Now, we’ll expand our view to include **the rest of Sub-Saharan Africa** —  
excluding those five major economies.  

###  Objective
To analyze GDP and access to basic services for all other Sub-Saharan African countries in **2020**,  
excluding the top 5 economies identified earlier.  
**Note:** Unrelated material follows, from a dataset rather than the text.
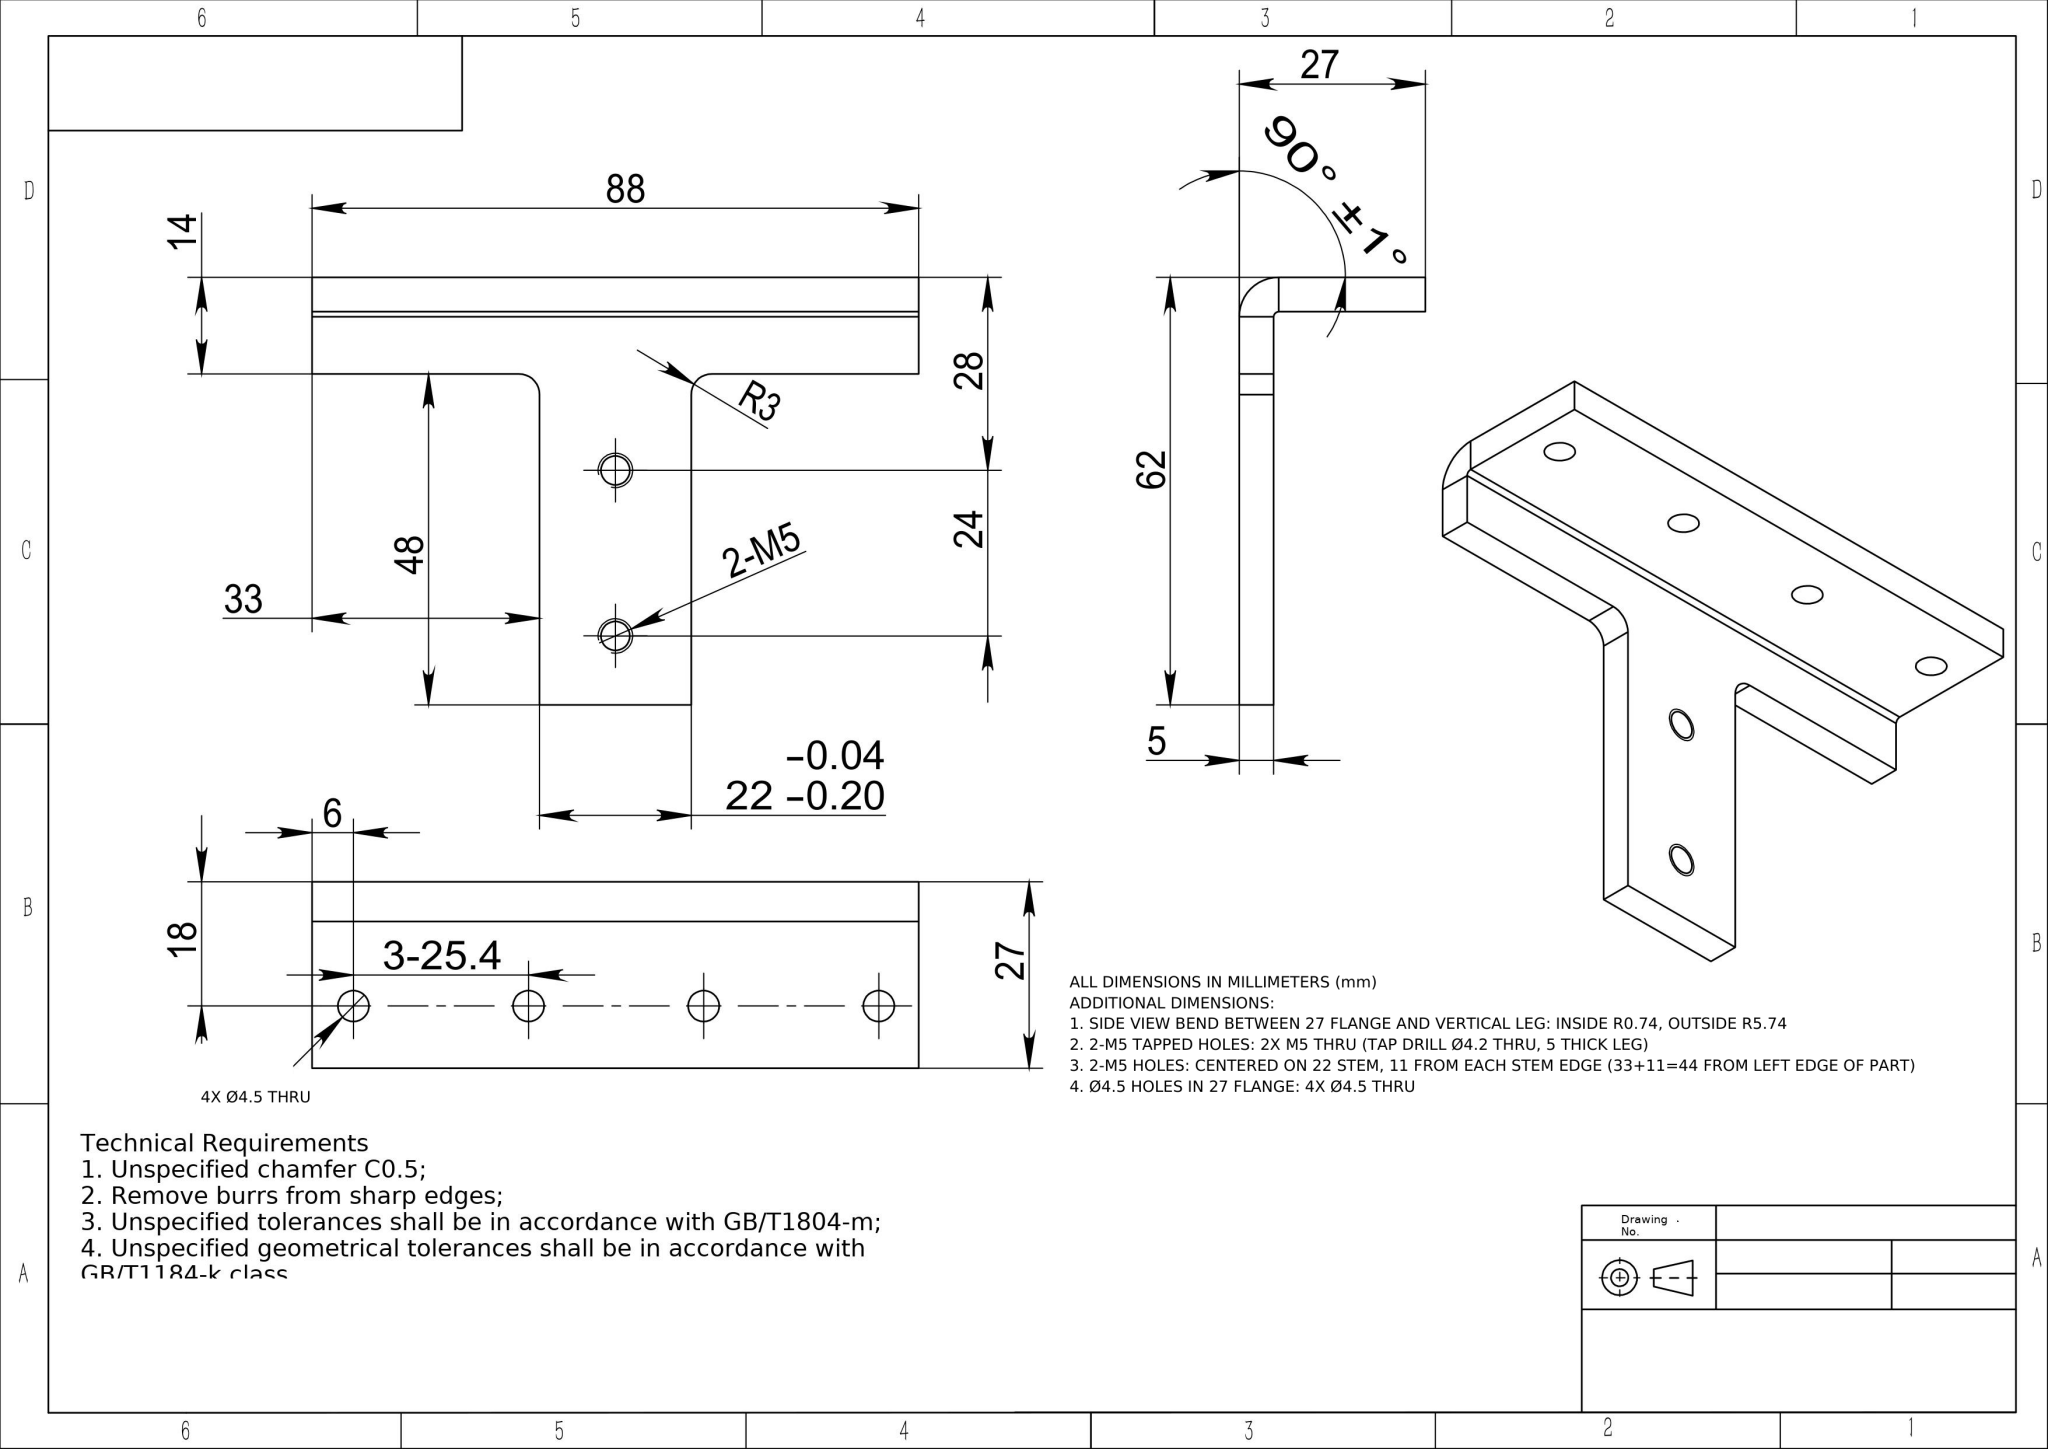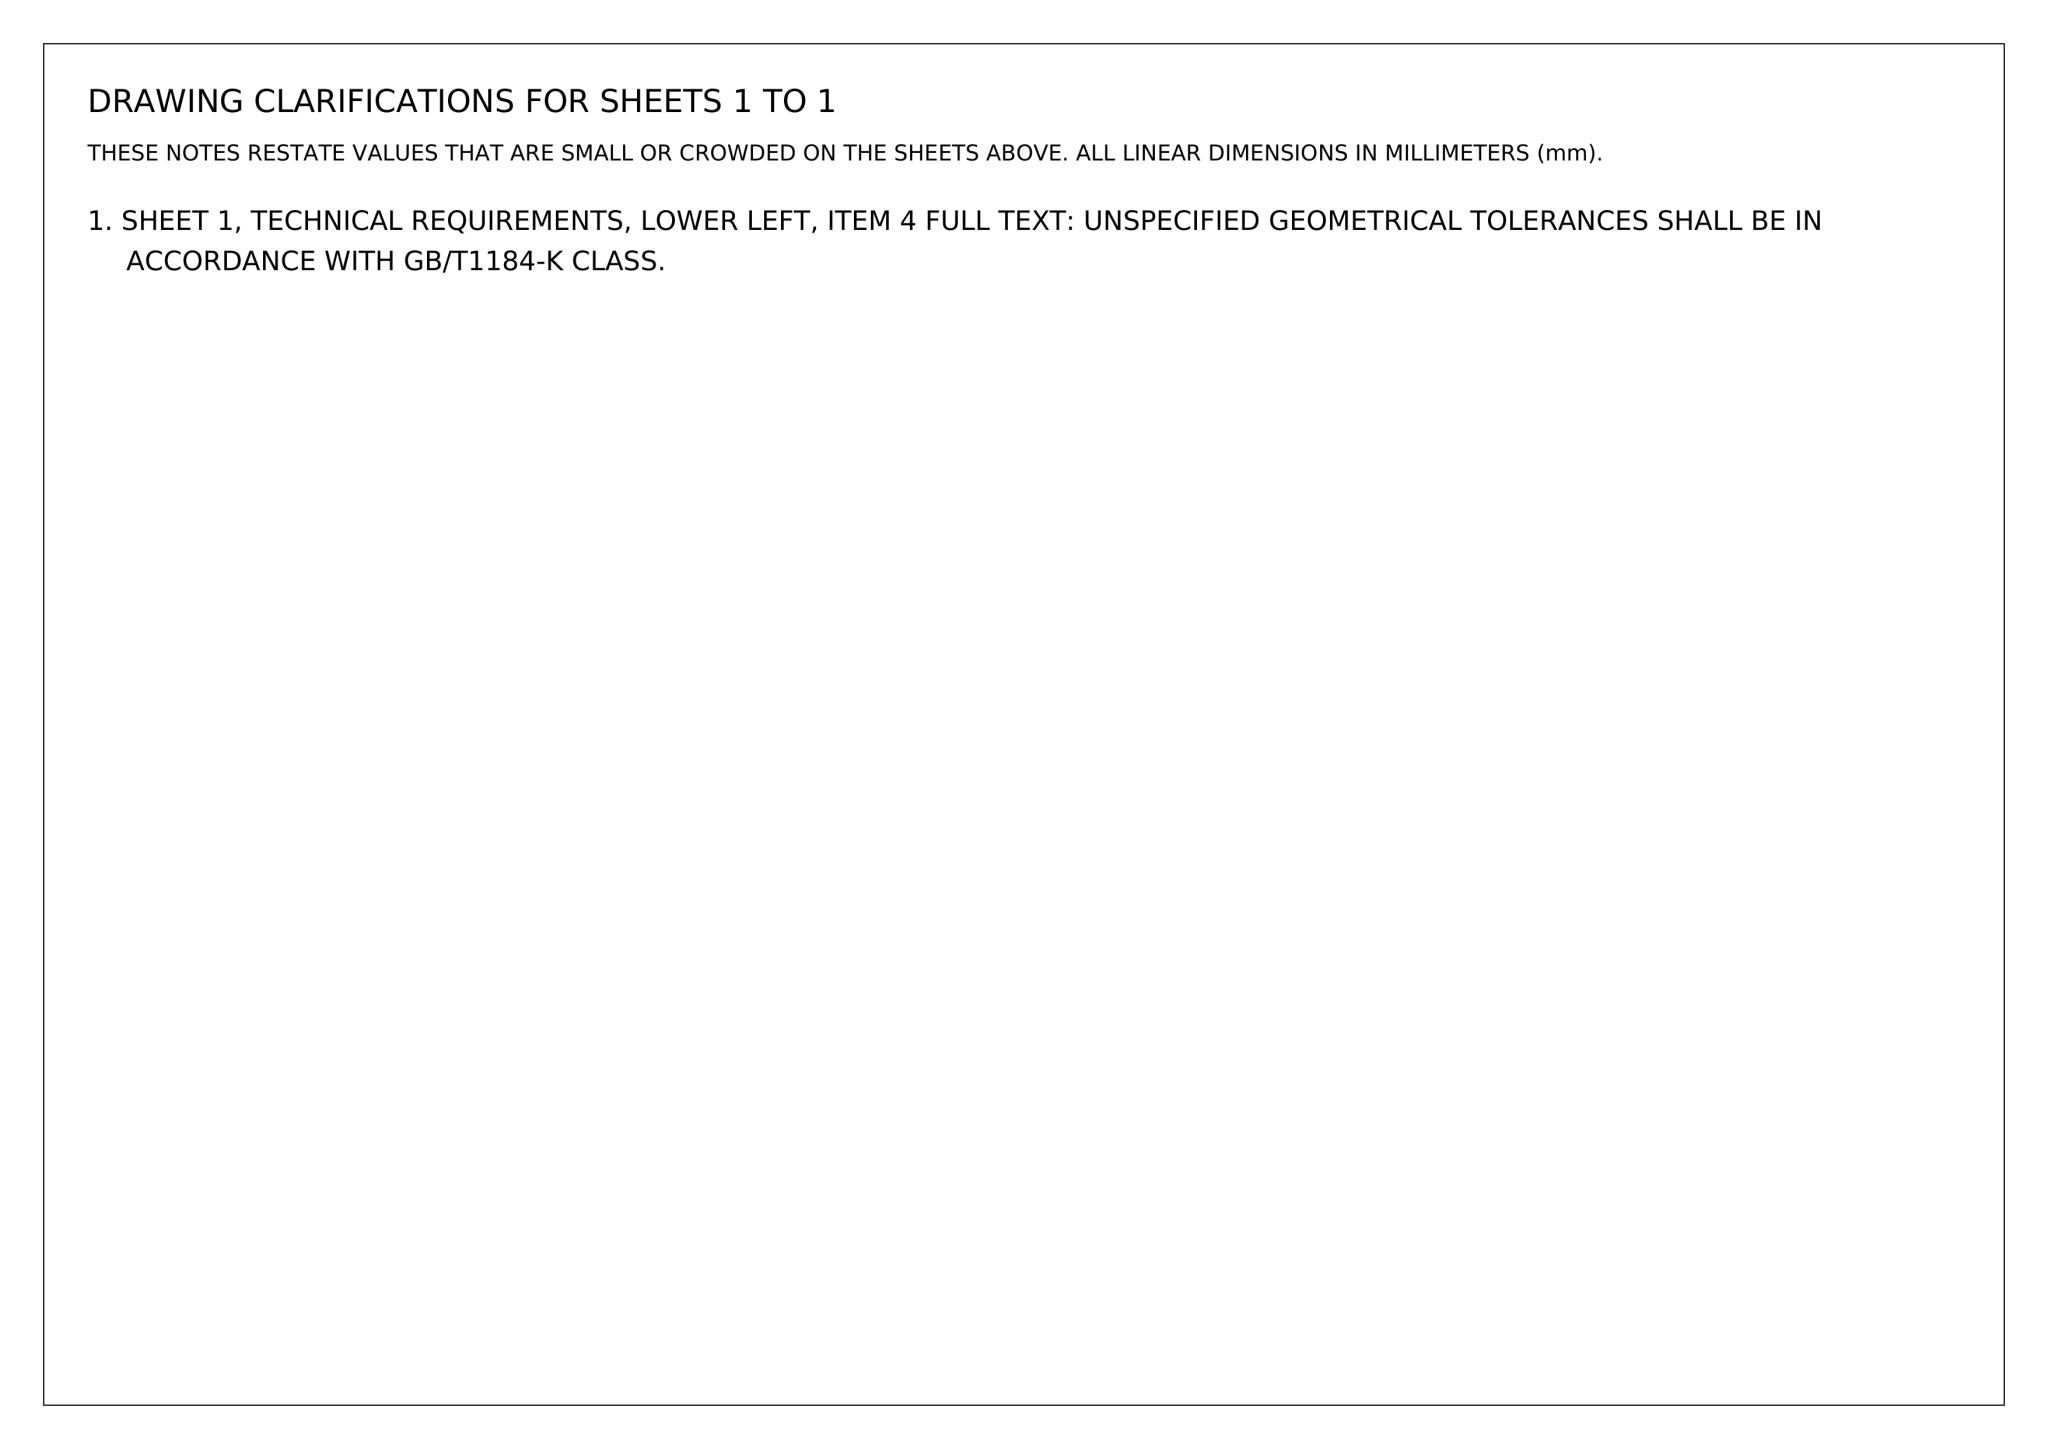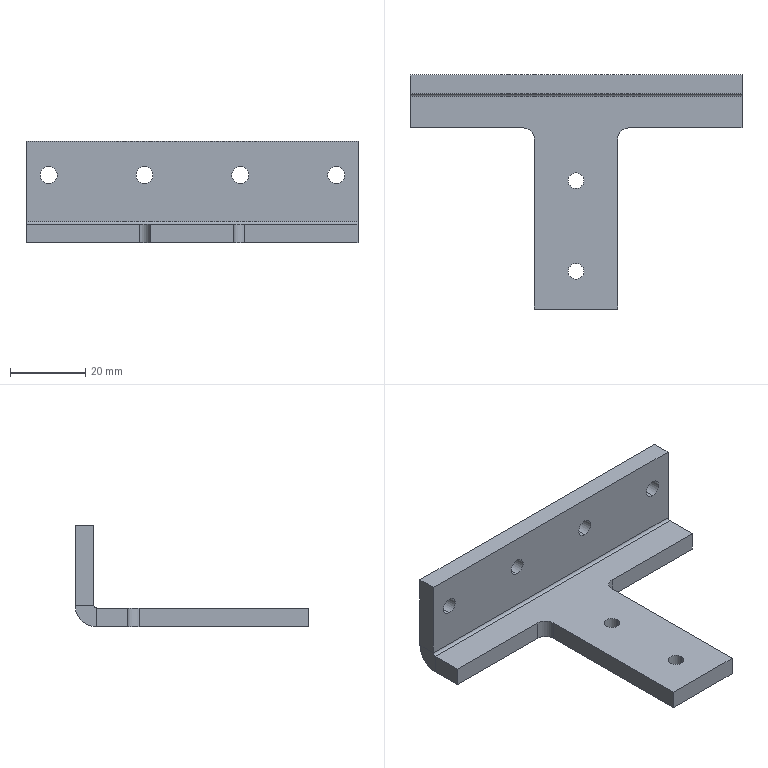Part | NX | mm | 1 solid | 32 faces | box 88 x 62 x 27 mm | volume 20071 mm3 | cylinder 16 | plane 16 | commonest cylinder face diameters 4.5 x8 4.2 x4 6 x2 11.473 x1 1.473 x1

This comparison allows us to explore how smaller or developing economies perform in providing essential services like drinking water and sanitation.


In [8]:
%%sql
-- Task 5: Retrieve data for Sub-Saharan African countries excluding the top 5 economies
-- Focus: Countries other than Nigeria, South Africa, Ethiopia, Kenya, and Ghana (Year 2020)

SELECT
    Region,
    Country_name,
    Time_period,
    Pct_managed_drinking_water_services,
    Pct_managed_sanitation_services,
    Est_gdp_in_billions,
    Est_population_in_millions
FROM access_to_basic_services
WHERE 
    Region = 'Sub-Saharan Africa'
    AND Time_period = 2020
    AND Country_name NOT IN ('Nigeria', 'South Africa', 'Ethiopia', 'Kenya', 'Ghana')
    AND Est_gdp_in_billions IS NOT NULL
ORDER BY Est_gdp_in_billions DESC;


 * mysql+pymysql://root:***@localhost:3306/united_nations
33 rows affected.


Region,Country_name,Time_period,Pct_managed_drinking_water_services,Pct_managed_sanitation_services,Est_gdp_in_billions,Est_population_in_millions
Sub-Saharan Africa,Angola,2020,52.33,47.0,53.62,33.428486
Sub-Saharan Africa,Cameroon,2020,64.0,43.0,40.77,26.491087
Sub-Saharan Africa,Uganda,2020,61.0,21.67,37.6,44.404611
Sub-Saharan Africa,Senegal,2020,85.0,57.0,24.49,16.43612
Sub-Saharan Africa,Zimbabwe,2020,68.0,36.33,21.51,15.669666
Sub-Saharan Africa,Zambia,2020,66.67,32.67,18.11,18.927715
Sub-Saharan Africa,Burkina Faso,2020,53.33,25.0,17.93,21.522626
Sub-Saharan Africa,Mali,2020,83.67,46.0,17.47,21.22404
Sub-Saharan Africa,Benin,2020,65.33,17.33,15.65,12.643123
Sub-Saharan Africa,Gabon,2020,73.33,47.0,15.31,2.292573


###  Summary

In this exercise, we explored how to handle missing and filtered data using SQL conditional statements.  

We:
- Used the **`IS NULL`** statement to identify countries with missing GDP values.  
- Applied the **`IS NOT NULL`** statement to exclude those countries from our analysis.  
- Used the **`IN`** statement to focus on the **top 5 GDP economies** in Sub-Saharan Africa (`Nigeria`, `South Africa`, `Ethiopia`, `Kenya`, and `Ghana`).  
- Used the **`NOT IN`** statement to examine the **remaining countries** in the region.  

After analyzing the data, we found that **there isn’t a clear or noticeable correlation** between a country’s GDP and its **access to drinking water and sanitation services** in Sub-Saharan Africa.  
This suggests that **economic size alone may not determine service accessibility**, and other factors such as governance, infrastructure investment, and policy priorities likely play a role.